Additional pages related to this work are:
Examples
Revisions
DTD Proposal
Some points about these schemas, in no particular order:
- One of the goals was to provide maximum flexibility in terms
of schema reuse. It should be easy to import the schemas into other schemas and redefine certain elements or types in order to create custom
schemas for specific applications.
- Another goal of these schemas was 'self-containedness' in that interpretation of the schemas should not require significant access to
external resources. Specifically, the information to simplify a refined element into its corresponding simple element should be contained in
the schema itself. This idea also includes liberal use of annotation, documentaion, and appinfo elements inside of the schemas to faciliate either
human or machine interpretation of the schemas. See the dc1.1.xsd for the best example of annotation and appinfo usage. Taken to the extreme,
a complete specification for DC could be embedded in annotations in the XML Schema. [Has anyone seen or thought of embedding RDF or RDFS inside
of appinfo elements -- might be an interesting way to combine XML and RDF Schemas?]
- Some of the concepts employed in the XML schemas are based on RDF concepts; however, the schemas do not represent RDF.

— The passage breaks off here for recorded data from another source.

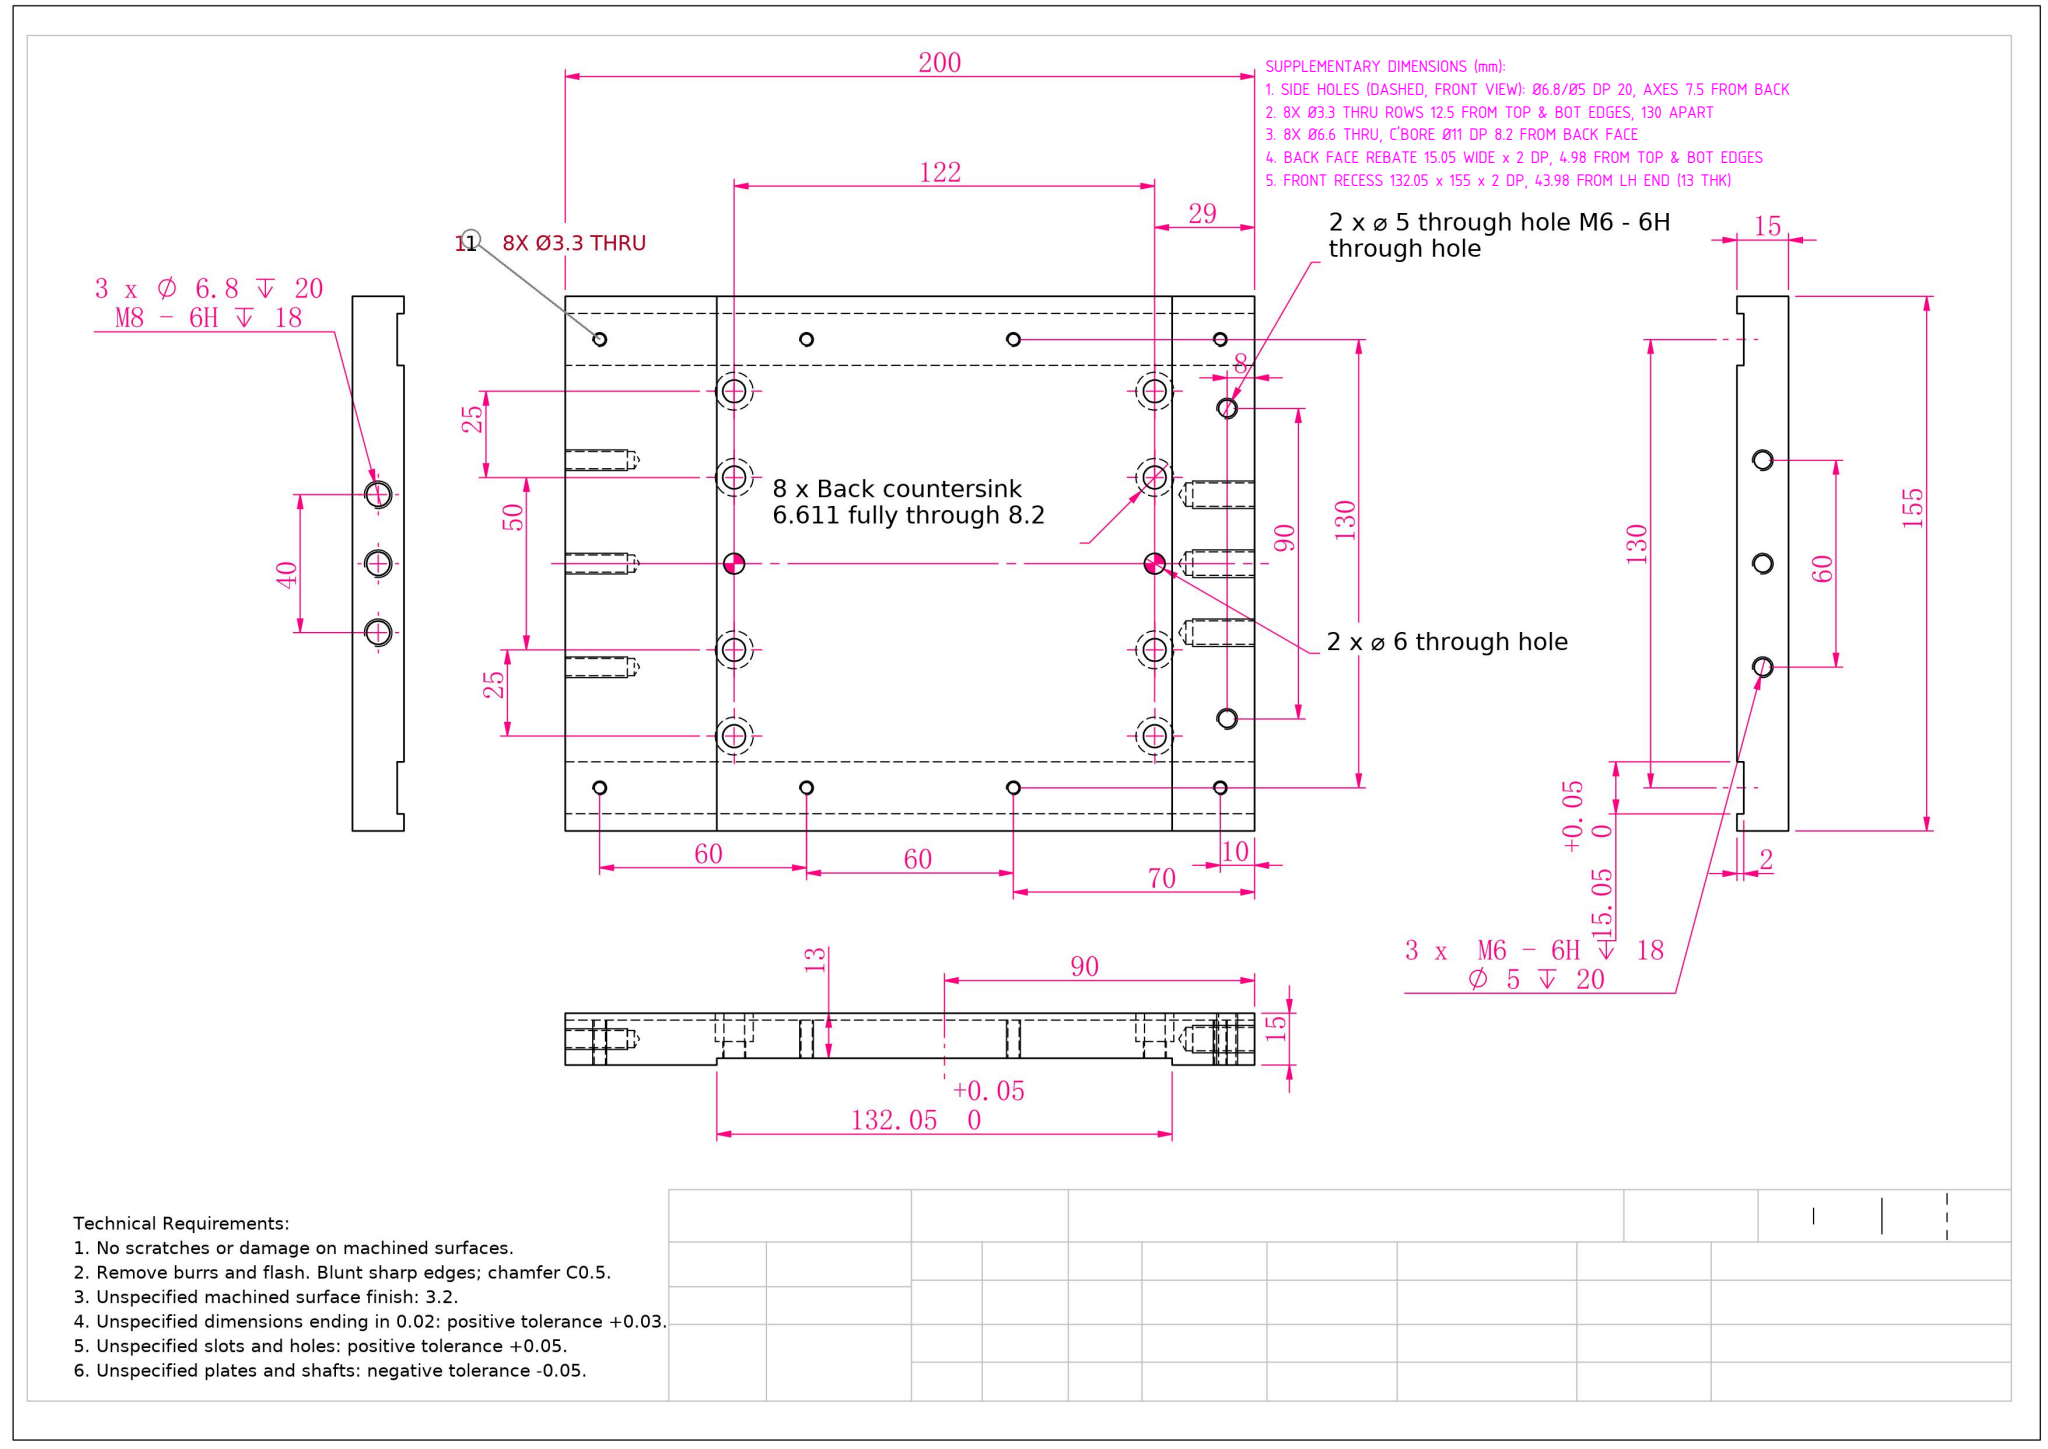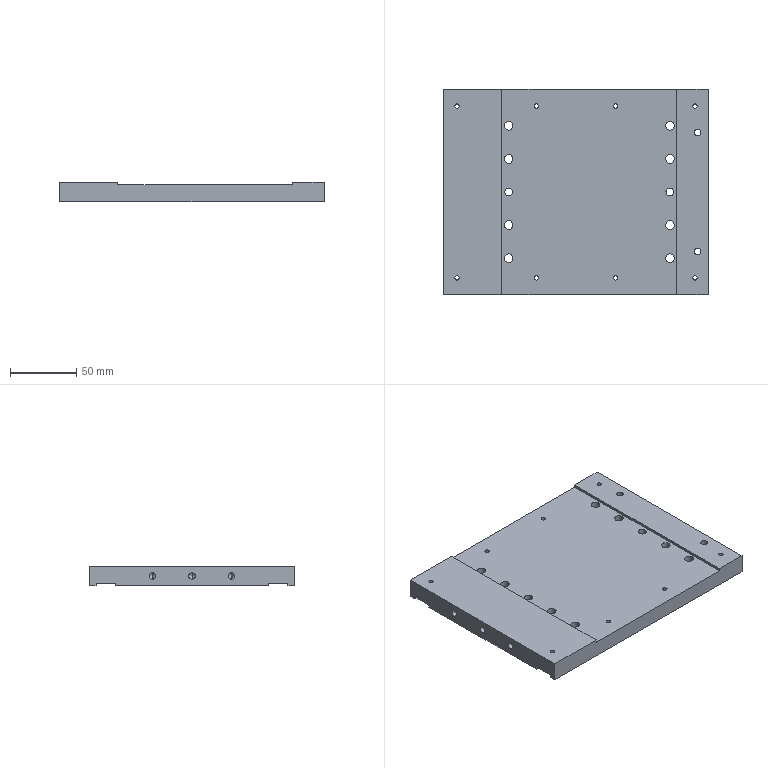Part | SolidWorks | mm | 1 solid | 106 faces | box 200 x 155 x 15 mm | volume 398871 mm3 | cylinder 68 | plane 26 | cone 12 | commonest cylinder face diameters 3.3 x16 11 x16 6.6 x16 5 x10 6.8 x6 6 x4
build123d program:
from build123d import *

# Parameters (mm, degrees)
SKETCH1_W                                       = 200
SKETCH1_H                                       = 155
BOSS_EXTRUDE1_DEPTH                             = 7.5
SKETCH2_W                                       = 132.05
SKETCH2_H                                       = 155
CUT_EXTRUDE1_DEPTH                              = 2
SKETCH10_W                                      = 230
SKETCH10_H                                      = 15.05
CUT_EXTRUDE2_DEPTH                              = 2
M6_HEX_SOCKET_HEAD_CAP_SCREW_CBORE1_D           = 6.6
M6_HEX_SOCKET_HEAD_CAP_SCREW_CBORE1_CBORE_D     = 11
M6_HEX_SOCKET_HEAD_CAP_SCREW_CBORE1_CBORE_DEPTH = 8.2
SIZE_MM_DOWEL_HOLE1_D                           = 6
M4_TAPPED_HOLE1_D                               = 3.3
M8_TAPPED_HOLE1_D                               = 6.8
M8_TAPPED_HOLE1_DEPTH                           = 20
M8_TAPPED_HOLE1_TIP                             = 2.043
M6_TAPPED_HOLE1_D                               = 5
M6_TAPPED_HOLE1_DEPTH                           = 20
M6_TAPPED_HOLE1_TIP                             = 1.502
M6_TAPPED_HOLE2_D                               = 5


with BuildPart() as part:
    # Sketch1 → Boss-Extrude1 (new, symmetric)
    with BuildSketch(Plane.XY):
        Rectangle(SKETCH1_W, SKETCH1_H)
    extrude(amount=BOSS_EXTRUDE1_DEPTH, both=True)

    # Sketch2 → Cut-Extrude1 (cut)
    with BuildSketch(Plane.XY.offset(7.5)):
        with Locations((10, 0)):
            Rectangle(SKETCH2_W, SKETCH2_H)
    extrude(amount=-CUT_EXTRUDE1_DEPTH, mode=Mode.SUBTRACT)

    # Sketch10 → Cut-Extrude2 (cut)
    with BuildSketch(Plane(origin=(0, 0, -7.5), x_dir=(-1, 0, 0), z_dir=(0, 0, -1))):
        with Locations((-15, 65)):
            Rectangle(SKETCH10_W, SKETCH10_H)
        with Locations((-15, -65)):
            Rectangle(SKETCH10_W, SKETCH10_H)
    extrude(amount=-CUT_EXTRUDE2_DEPTH, mode=Mode.SUBTRACT)

    # M6 Hex Socket Head Cap Screw CBORE1 (through all)
    with Locations(Plane(origin=(0, 0, -7.5), x_dir=(-1, 0, 0), z_dir=(0, 0, -1))):
        with Locations((51, 50), (51, 25), (51, -25), (51, -50), (-71, -50), (-71, -25), (-71, 25), (-71, 50)):
            CounterBoreHole(M6_HEX_SOCKET_HEAD_CAP_SCREW_CBORE1_D / 2, M6_HEX_SOCKET_HEAD_CAP_SCREW_CBORE1_CBORE_D / 2, M6_HEX_SOCKET_HEAD_CAP_SCREW_CBORE1_CBORE_DEPTH)

    # Size mm Dowel Hole1 (through all)
    with Locations(Plane(origin=(0, 0, -7.5), x_dir=(-1, 0, 0), z_dir=(0, 0, -1))):
        with Locations((51, 0), (-71, 0)):
            Hole(SIZE_MM_DOWEL_HOLE1_D / 2)

    # M4 Tapped Hole1 (through all)
    with Locations(Plane(origin=(0, 0, -7.5), x_dir=(-1, 0, 0), z_dir=(0, 0, -1))):
        with Locations((90, -65), (30, -65), (-30, -65), (-30, 65), (30, 65), (90, 65), (-90, 65), (-90, -65)):
            Hole(M4_TAPPED_HOLE1_D / 2)

    # M8 Tapped Hole1
    with Locations(Plane(origin=(100, 0, 0), x_dir=(0, 0, -1), z_dir=(1, 0, 0))):
        with Locations((0, 20), (0, 0), (0, -20)):
            Hole(M8_TAPPED_HOLE1_D / 2, depth=M8_TAPPED_HOLE1_DEPTH)
            with Locations((0, 0, -(M8_TAPPED_HOLE1_DEPTH + M8_TAPPED_HOLE1_TIP / 2))):  # 118° drill point
                Cone(0, M8_TAPPED_HOLE1_D / 2, M8_TAPPED_HOLE1_TIP, mode=Mode.SUBTRACT)

    # M6 Tapped Hole1
    with Locations(Plane.ZY.offset(100)):
        with Locations((0, -30), (0, 0), (0, 30)):
            Hole(M6_TAPPED_HOLE1_D / 2, depth=M6_TAPPED_HOLE1_DEPTH)
            with Locations((0, 0, -(M6_TAPPED_HOLE1_DEPTH + M6_TAPPED_HOLE1_TIP / 2))):  # 118° drill point
                Cone(0, M6_TAPPED_HOLE1_D / 2, M6_TAPPED_HOLE1_TIP, mode=Mode.SUBTRACT)

    # M6 Tapped Hole2 (through all)
    with Locations(Plane(origin=(0, 0, -7.5), x_dir=(-1, 0, 0), z_dir=(0, 0, -1))):
        with Locations((-92, -45), (-92, 45)):
            Hole(M6_TAPPED_HOLE2_D / 2)


solid = part.part

- Because of the way qualified encodings are specified, we know of no way currently to restrict their usage to only the elements or
refinements to which they are currently limited by the DC specifications. For example, the xsi:type="dcterms:MESH" type could be applied
to the dc:creator element, if desired, and the metadata would still validate using these schemas. This is an area we are still investigating.
XML schema attributes final, blocked, or abstract may be useful for this type of enforecement, but we are not sure if this can be done yet, or
even if this level of restriction is needed or desired.
- The xxx_container.xsd are not intended to be part of the canonical schema set, but are intended as examples of how the canonical schema
can be imported and reused inside of other schema.
- For what its worth, an attempt was made at some definitions.
Without further ado, the schemas and sample document instances:
- dc1.1.xsd
- This is the basic/simple root schema. It defines the core 15 elements, allowing only text values, with an optional xml:lang attribute.
However, the complexType used for the elements (SimpleLiteral) is defined in such a way as to be maximally extensible.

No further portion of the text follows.